CP-EDIT: Cerebral Palsy - Early Diagnosis and Intervention Trial

Recruiting

• Conditions: Cerebral Palsy
• Interventions: Diagnostic Test: Early intervention program

• Registration Number: NCT05835674
• Lead Sponsor: Rigshospitalet, Denmark

Brief Summary

Background. Early diagnosis of cerebral palsy is important as intervention becomes possible at a time where neuroplasticity is at the highest. Current mean age at diagnosis is 13 months in Denmark. Recent research has documented that implementation of an early-diagnosis set-up can lower diagnostic age of cerebral palsy. The aim of the current study is to show that the response to the early intervention program added to standard care is superior to standard care alone in a Danish multi-site setting in children from both a newborn and infant detectable risk pathway.

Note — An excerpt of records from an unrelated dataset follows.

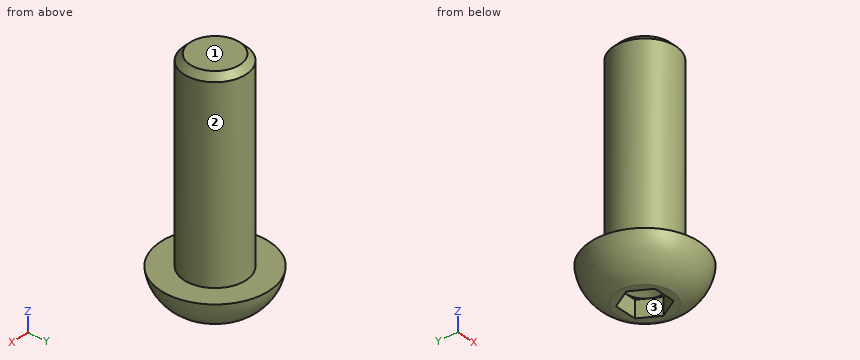
```python
from build123d import *

# Parameters (mm, degrees)
SKETCH_1_R          = 7
EXTRUDE_1_DEPTH     = 4.4
SKETCH_2_R          = 4
EXTRUDE_2_DEPTH     = 25
CHAMFER_1_SIZE      = 0.8
CUT_EXTRUDE_1_DEPTH = 2.2


with BuildPart() as part:
    # 草图1 → 凸台-拉伸1 (new body)
    with BuildSketch(Plane.XY):
        Circle(SKETCH_1_R)
    extrude(amount=-EXTRUDE_1_DEPTH)

    # 草图2 → 凸台-拉伸2 (add)
    with BuildSketch(Plane(origin=(0, 0, 0), x_dir=(-1, 0, 0), z_dir=(0, 0, -1))):
        Circle(SKETCH_2_R)
    extrude(amount=-EXTRUDE_2_DEPTH)

    # 倒角1
    chamfer_1_edges = [part.edges().sort_by_distance(p)[0] for p in [
        (4, 0, 25),
    ]]
    chamfer(chamfer_1_edges, length=CHAMFER_1_SIZE)

    # 草图3 → 切除-拉伸1 (cut)
    with BuildSketch(Plane.XY.offset(-4.4)):
        Polygon((1.443375673, 2.5), (-1.443375673, 2.5), (-2.886751346, 0), (-1.443375673, -2.5), (1.443375673, -2.5), (2.886751346, 0), align=None)
    extrude(amount=CUT_EXTRUDE_1_DEPTH, mode=Mode.SUBTRACT)

    # 草图4 → 切除-旋转1 (revolve, cut)
    with BuildSketch(Plane(origin=(0, 0, 0), x_dir=(0, 1, 0), z_dir=(-1, 0, 0)), mode=Mode.PRIVATE) as cut_revolve_1_sk:
        Polygon((0, 0.756624327), (-2.5, 2.2), (0, 2.2), align=None)
    revolve(cut_revolve_1_sk.sketch.rotate(Axis((0, 0, 0), (0, 0, 1)), 270), axis=Axis((0, 0, 0), (0, 0, 1)), mode=Mode.SUBTRACT)

    # 草图5 → 切除-旋转2 (revolve, cut)
    with BuildSketch(Plane(origin=(0, 0, 0), x_dir=(1, 0, 0), z_dir=(0, 1, 0))):
        with BuildLine():
            Line((-7, 0), (-7, 4.4))
            Line((-7, 4.4), (-3.5, 4.4))
            ThreePointArc((-3.5, 4.4), (-5.867796506, 2.691429039), (-7, 0))
        make_face()
    revolve(axis=Axis((0, 0, 0), (0, 0, 1)), mode=Mode.SUBTRACT)


solid = part.part
```
Geometry check sheet. Reference: the model listing, model coordinates, mm. Face numbers are marked on the shaded views. A direction names the side the tool comes from. Coordinates: 2 decimals unless noted, no trailing zeros. Loops run counter-clockwise (first coordinate to the right, second up) from the corner with the lowest first, then second, coordinate; pieces in that order, holes last.
Item 1: Go/stop test with flat-tipped pins: pin 1 Ø2 at (x, y) = (-3, -4.5) entering from +Z; pin 2 Ø3 at (y, z) = (3, 1) entering from -X; pin 3 Ø2 at (x, z) = (0.5, 14) entering from -Y. Record where each tip stops, or that it passes through.
Item 2: Thickness scan on line 1 (X direction, y = 0.25, z = 8.5); line 2 (Z direction, x = 5.5, y = -1.5); line 3 (Y direction, x = -3.25, z = 19.75). Record the ranges inside material, lowest first.
Item 3: Sectioned sample at A-A, the plane z = 19.75. Record the boundary of the cut face in (x, y), then the cut area to 3 significant figures.
Item 4: Access from +Z, -Z, +X, -X, +Y, -Y to the whole of each face (thin tool, end or side, straight path). Record for the marked faces 1, 2 and 3.
Check result:
1. pin 1: stops at z = 0
1. pin 2: stops at x = -6.74
1. pin 3: stops at y = -4
2. line 1: x = -3.99 to 3.99
2. line 2: z = -2.89 to 0
2. line 3: y = -2.33 to 2.33
3. outline: circle Ø8 at (0, 0)
3. area: 50.3 mm2
4. face 1: +Z, +X, -X, +Y, -Y
4. face 2: +Z
4. face 3: -Z

Methods The current study CP-EDIT (Early Diagnosis and Intervention Trial) with the GO-PLAY intervention included (Goal Oriented ParentaL supported home ActivitY program), aims at testing feasibility of an early diagnosis and intervention set-up in four paediatric centers. In a prospective cohort study design, we will consecutively include a total of 500 infants. We will systematically collect data at inclusion and follow a subset of participants with definite cerebral palsy or high risk of cerebral palsy until they are two years of age. The focus is on eight areas related to implementation and the perspective of the families: Early MRI; early genetic testing; implementation of the General Movements Assessment method; early prediction of cerebral palsy; comparative analysis of the Hand Assessment for Infants method and evaluation by Hammersmith Infant Neurological Examination, MRI, and the General Movements method; analysis of the GO-PLAY early intervention; parental perspective of early intervention; and parental perspective of having an early diagnosis.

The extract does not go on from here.